Search code examples
elasticsearchtokenelastic-stacktokenize

Elastic Search - Apply appropriate analyser to accurate result


I am new in Elastic Search. I would like to apply any analyser that satisfy below search. Lets take an example. Suppose I have entered below text in a document

  1. I am walking now
  2. I walked to Ahmedabad
  3. Everyday I walk in the morning
  4. Anil walks in the evening.
  5. I am hiring candidates
  6. I hired candidates
  7. Everyday I hire candidates
  8. He hires candidates

Now when I search with

  1. text "walking" result should be [walking, walked, walk, walks]
  2. text "walked" result should be [walking, walked, walk, walks]
  3. text "walk" result should be [walking, walked, walk, walks]
  4. text "walks" result should be [walking, walked, walk, walks]

Same result should also for hire.

  1. text "hiring" result should be [hiring, hired, hire, hires]
  2. text "hired" result should be [hiring, hired, hire, hires]
  3. text "hire" result should be [hiring, hired, hire, hires]
  4. text "hires" result should be [hiring, hired, hire, hires]

Thank You,


Solution

  • You need to use stemmer token filter

    Stemming is the process of reducing a word to its root form. This ensures variants of a word match during a search.

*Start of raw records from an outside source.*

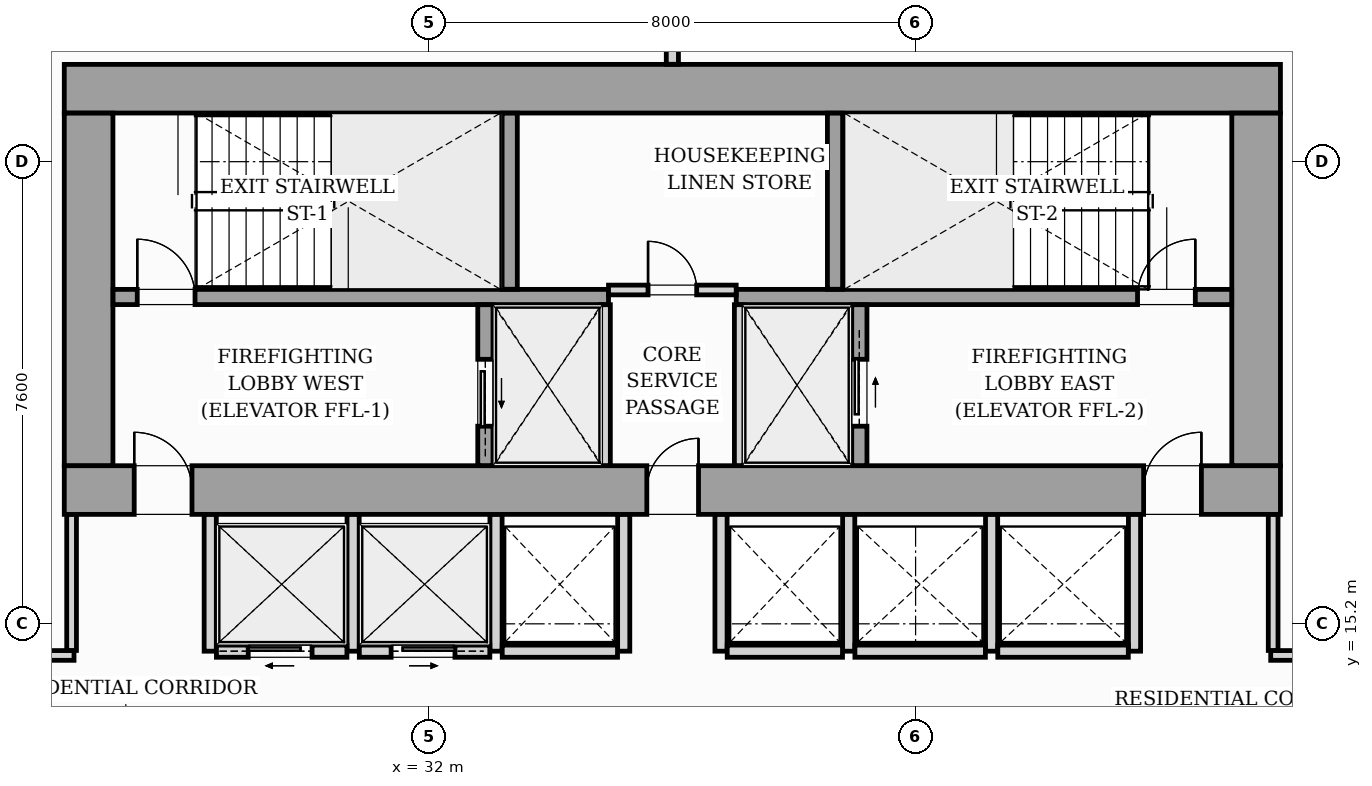
"""IFC4 building model, lengths in metres.
Left out: names, types, materials, properties, quantities, classifications, styles, units other than length and angle.
Written with IfcOpenShell. Run it as: python <this file> out.ifc"""

import sys

from ifc_helpers import new_model, si_unit, direction, frame, frame_2d, origin, origin_2d, place, context, subcontext, project, spatial, rectangle, i_section, extrude, source, transform, mapped, element, fill, save


model = new_model("IFC4")
c1 = context("Model", 3, precision=1e-05, world=origin(), true_north=direction((0.0, 1.0)))
c2 = subcontext(c1, "Body", "Model", "MODEL_VIEW")
j1 = project(units=[si_unit("LENGTHUNIT", "METRE"), si_unit("PLANEANGLEUNIT", "RADIAN")], contexts=[c1])
p1 = place(None, origin())
s1 = spatial("IfcSite", under=j1, at=p1, CompositionType="ELEMENT")
p2 = place(p1, origin())
s2 = spatial("IfcBuilding", under=s1, at=p2, CompositionType="ELEMENT")
p3 = place(p2, frame((0.0, 0.0, 26.2)))
s3 = spatial("IfcBuildingStorey", under=s2, at=p3, CompositionType="ELEMENT", Elevation=26.2)
m1 = source(origin(), c2, "Body", "SweptSolid", [
    extrude(i_section(OverallWidth=0.437, OverallDepth=0.514, WebThickness=0.061, FlangeThickness=0.097, FilletRadius=0.018, at=origin_2d()), origin(), (0.0, 0.0, 1.0), 3.196),
])
for number, where, z_axis, x_axis in (
    (1, (26.4, 17.4, 0.002), (0.0, 0.0, 1.0), (1.0, 0.0, 0.0)),
    (2, (33.12, 17.4, 0.002), (0.0, 0.0, 1.0), (1.0, 0.0, 0.0)),
    (3, (38.88, 17.4, 0.002), (0.0, 0.0, 1.0), (1.0, 0.0, 0.0)),
    (4, (45.6, 17.4, 0.002), (0.0, 0.0, 1.0), (1.0, 0.0, 0.0)),
    (5, (26.4, 24.0, 0.002), (0.0, 0.0, 1.0), (1.0, 0.0, 0.0)),
    (6, (33.12, 24.0, 0.002), (0.0, 0.0, 1.0), (1.0, 0.0, 0.0)),
    (7, (38.88, 24.0, 0.002), (0.0, 0.0, 1.0), (1.0, 0.0, 0.0)),
    (8, (45.6, 24.0, 0.002), (0.0, 0.0, 1.0), (1.0, 0.0, 0.0)),
):
    element("IfcColumn", number, at=place(p3, frame(where, z_axis=z_axis, x_axis=x_axis)), inside=s3, PredefinedType="PILASTER", context=c2, shape_type="MappedRepresentation", body=[
        mapped(m1, transform((0.0, 0.0, 0.0), scale=1.0)),
    ])
p4 = place(p3, frame((26.0, 17.4, 0.0), z_axis=(0.0, 0.0, 1.0), x_axis=(1.0, 0.0, 0.0)))
e9 = element("IfcWall", 9, at=p4, inside=s3, PredefinedType="SHEAR", context=c2, shape_type="SweptSolid", body=[
    extrude(rectangle(XDim=20.0, YDim=0.8, at=frame_2d((10.0, 0.0))), origin(), (0.0, 0.0, 1.0), 3.2),
])
p5 = place(p4, frame((1.15, 0.0, 0.0)))
e10 = element("IfcOpeningElement", 10, at=p5, cuts=e9, PredefinedType="OPENING", context=c2, shape_type="SweptSolid", body=[
    extrude(rectangle(XDim=0.95, YDim=2.06, at=frame_2d((0.475, 1.03))), frame((0.0, 0.41, 0.0), z_axis=(0.0, -1.0, 0.0), x_axis=(1.0, 0.0, 0.0)), (0.0, 0.0, 1.0), 0.82),
])
p6 = place(p4, frame((9.58, 0.0, 0.0)))
e11 = element("IfcOpeningElement", 11, at=p6, cuts=e9, PredefinedType="OPENING", context=c2, shape_type="SweptSolid", body=[
    extrude(rectangle(XDim=0.85, YDim=2.0, at=frame_2d((0.425, 1.0))), frame((0.0, 0.41, 0.0), z_axis=(0.0, -1.0, 0.0), x_axis=(1.0, 0.0, 0.0)), (0.0, 0.0, 1.0), 0.82),
])
p7 = place(p4, frame((17.75, 0.0, 0.0)))
e12 = element("IfcOpeningElement", 12, at=p7, cuts=e9, PredefinedType="OPENING", context=c2, shape_type="SweptSolid", body=[
    extrude(rectangle(XDim=0.95, YDim=2.06, at=frame_2d((0.475, 1.03))), frame((0.0, 0.41, 0.0), z_axis=(0.0, -1.0, 0.0), x_axis=(1.0, 0.0, 0.0)), (0.0, 0.0, 1.0), 0.82),
])
p8 = place(p3, frame((26.0, 24.0, 0.0), z_axis=(0.0, 0.0, 1.0), x_axis=(1.0, 0.0, 0.0)))
e13 = element("IfcWall", 13, at=p8, inside=s3, PredefinedType="SHEAR", context=c2, shape_type="SweptSolid", body=[
    extrude(rectangle(XDim=20.0, YDim=0.8, at=frame_2d((10.0, 0.0))), origin(), (0.0, 0.0, 1.0), 3.2),
])
for number, where, z_axis, x_axis in (
    (14, (26.4, 17.802, 0.0), (0.0, 0.0, 1.0), (0.0, 1.0, 0.0)),
    (15, (45.6, 17.802, 0.0), (0.0, 0.0, 1.0), (0.0, 1.0, 0.0)),
):
    element("IfcWall", number, at=place(p3, frame(where, z_axis=z_axis, x_axis=x_axis)), inside=s3, PredefinedType="SHEAR", context=c2, shape_type="SweptSolid", body=[
        extrude(rectangle(XDim=5.796, YDim=0.8, at=frame_2d((2.898, 0.0))), origin(), (0.0, 0.0, 1.0), 3.2),
    ])
p9 = place(p3, frame((26.802, 20.575, 0.0), z_axis=(0.0, 0.0, 1.0), x_axis=(1.0, 0.0, 0.0)))
e16 = element("IfcWall", 16, at=p9, inside=s3, PredefinedType="SOLIDWALL", context=c2, shape_type="SweptSolid", body=[
    extrude(rectangle(XDim=8.148, YDim=0.25, at=frame_2d((4.074, 0.0))), origin(), (0.0, 0.0, 1.0), 3.2),
])
p10 = place(p9, frame((0.398, 0.0, 0.0)))
e17 = element("IfcOpeningElement", 17, at=p10, cuts=e16, PredefinedType="OPENING", context=c2, shape_type="SweptSolid", body=[
    extrude(rectangle(XDim=0.95, YDim=2.06, at=frame_2d((0.475, 1.03))), frame((0.0, 0.135, 0.0), z_axis=(0.0, -1.0, 0.0), x_axis=(1.0, 0.0, 0.0)), (0.0, 0.0, 1.0), 0.27),
])
p11 = place(p3, frame((37.05, 20.575, 0.0), z_axis=(0.0, 0.0, 1.0), x_axis=(1.0, 0.0, 0.0)))
e18 = element("IfcWall", 18, at=p11, inside=s3, PredefinedType="SOLIDWALL", context=c2, shape_type="SweptSolid", body=[
    extrude(rectangle(XDim=8.148, YDim=0.25, at=frame_2d((4.074, 0.0))), origin(), (0.0, 0.0, 1.0), 3.2),
])
p12 = place(p11, frame((6.6, 0.0, 0.0)))
e19 = element("IfcOpeningElement", 19, at=p12, cuts=e18, PredefinedType="OPENING", context=c2, shape_type="SweptSolid", body=[
    extrude(rectangle(XDim=0.95, YDim=2.06, at=frame_2d((0.475, 1.03))), frame((0.0, 0.135, 0.0), z_axis=(0.0, -1.0, 0.0), x_axis=(1.0, 0.0, 0.0)), (0.0, 0.0, 1.0), 0.27),
])
for number, where, z_axis, x_axis in (
    (20, (33.325, 20.702, 0.0), (0.0, 0.0, 1.0), (0.0, 1.0, 0.0)),
    (21, (38.675, 20.702, 0.0), (0.0, 0.0, 1.0), (0.0, 1.0, 0.0)),
):
    element("IfcWall", number, at=place(p3, frame(where, z_axis=z_axis, x_axis=x_axis)), inside=s3, PredefinedType="SOLIDWALL", context=c2, shape_type="SweptSolid", body=[
        extrude(rectangle(XDim=2.896, YDim=0.25, at=frame_2d((1.448, 0.0))), origin(), (0.0, 0.0, 1.0), 3.2),
    ])
p13 = place(p3, frame((32.925, 17.802, 0.0), z_axis=(0.0, 0.0, 1.0), x_axis=(0.0, 1.0, 0.0)))
e22 = element("IfcWall", 22, at=p13, inside=s3, PredefinedType="SOLIDWALL", context=c2, shape_type="SweptSolid", body=[
    extrude(rectangle(XDim=2.646, YDim=0.25, at=frame_2d((1.323, 0.0))), origin(), (0.0, 0.0, 1.0), 3.2),
])
p14 = place(p13, frame((0.648, 0.0, 0.0)))
e23 = element("IfcOpeningElement", 23, at=p14, cuts=e22, PredefinedType="OPENING", context=c2, shape_type="SweptSolid", body=[
    extrude(rectangle(XDim=1.1, YDim=2.08, at=frame_2d((0.55, 1.04))), frame((0.0, 0.135, 0.0), z_axis=(0.0, -1.0, 0.0), x_axis=(1.0, 0.0, 0.0)), (0.0, 0.0, 1.0), 0.27),
])
for number, where, z_axis, x_axis in (
    (24, (34.9, 17.802, 0.0), (0.0, 0.0, 1.0), (0.0, 1.0, 0.0)),
    (25, (37.1, 17.802, 0.0), (0.0, 0.0, 1.0), (0.0, 1.0, 0.0)),
):
    element("IfcWall", number, at=place(p3, frame(where, z_axis=z_axis, x_axis=x_axis)), inside=s3, PredefinedType="PARTITIONING", context=c2, shape_type="SweptSolid", body=[
        extrude(rectangle(XDim=2.646, YDim=0.16, at=frame_2d((1.323, 0.0))), origin(), (0.0, 0.0, 1.0), 2.94),
    ])
p15 = place(p3, frame((39.075, 17.802, 0.0), z_axis=(0.0, 0.0, 1.0), x_axis=(0.0, 1.0, 0.0)))
e26 = element("IfcWall", 26, at=p15, inside=s3, PredefinedType="SOLIDWALL", context=c2, shape_type="SweptSolid", body=[
    extrude(rectangle(XDim=2.646, YDim=0.25, at=frame_2d((1.323, 0.0))), origin(), (0.0, 0.0, 1.0), 3.2),
])
p16 = place(p15, frame((0.648, 0.0, 0.0)))
e27 = element("IfcOpeningElement", 27, at=p16, cuts=e26, PredefinedType="OPENING", context=c2, shape_type="SweptSolid", body=[
    extrude(rectangle(XDim=1.1, YDim=2.08, at=frame_2d((0.55, 1.04))), frame((0.0, 0.135, 0.0), z_axis=(0.0, -1.0, 0.0), x_axis=(1.0, 0.0, 0.0)), (0.0, 0.0, 1.0), 0.27),
])
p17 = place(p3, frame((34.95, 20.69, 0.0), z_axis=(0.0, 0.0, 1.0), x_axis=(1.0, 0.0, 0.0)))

    For example, walking and walked can be stemmed to the same root word: walk. Once stemmed, an occurrence of either word would match the other in a search.

    Mapping

    PUT index36
    {
      "mappings": {
        "properties": {
          "title":{
            "type": "text",
            "analyzer": "my_analyzer"
          }
        }
      }, 
      "settings": {
        "analysis": {
          "analyzer": {
            "my_analyzer": {
              "tokenizer": "whitespace",
              "filter": [ "stemmer" ,"lowercase"]
            }
          }
        }
      }
    }
    

    Analyze

    GET index36/_analyze
    {
      "text": ["walking", "walked", "walk", "walks"],
      "analyzer": "my_analyzer"
    }
    

    Result

    {
      "tokens" : [
        {
          "token" : "walk",
          "start_offset" : 0,
          "end_offset" : 7,
          "type" : "word",
          "position" : 0
        },
        {
          "token" : "walk",
          "start_offset" : 8,
          "end_offset" : 14,
          "type" : "word",
          "position" : 101
        },
        {
          "token" : "walk",
          "start_offset" : 15,
          "end_offset" : 19,
          "type" : "word",
          "position" : 202
        },
        {
          "token" : "walk",
          "start_offset" : 20,
          "end_offset" : 25,
          "type" : "word",
          "position" : 303
        }
      ]
    }
    
    

    All the four words produce same token "walk". So any of these words would match the other in a search.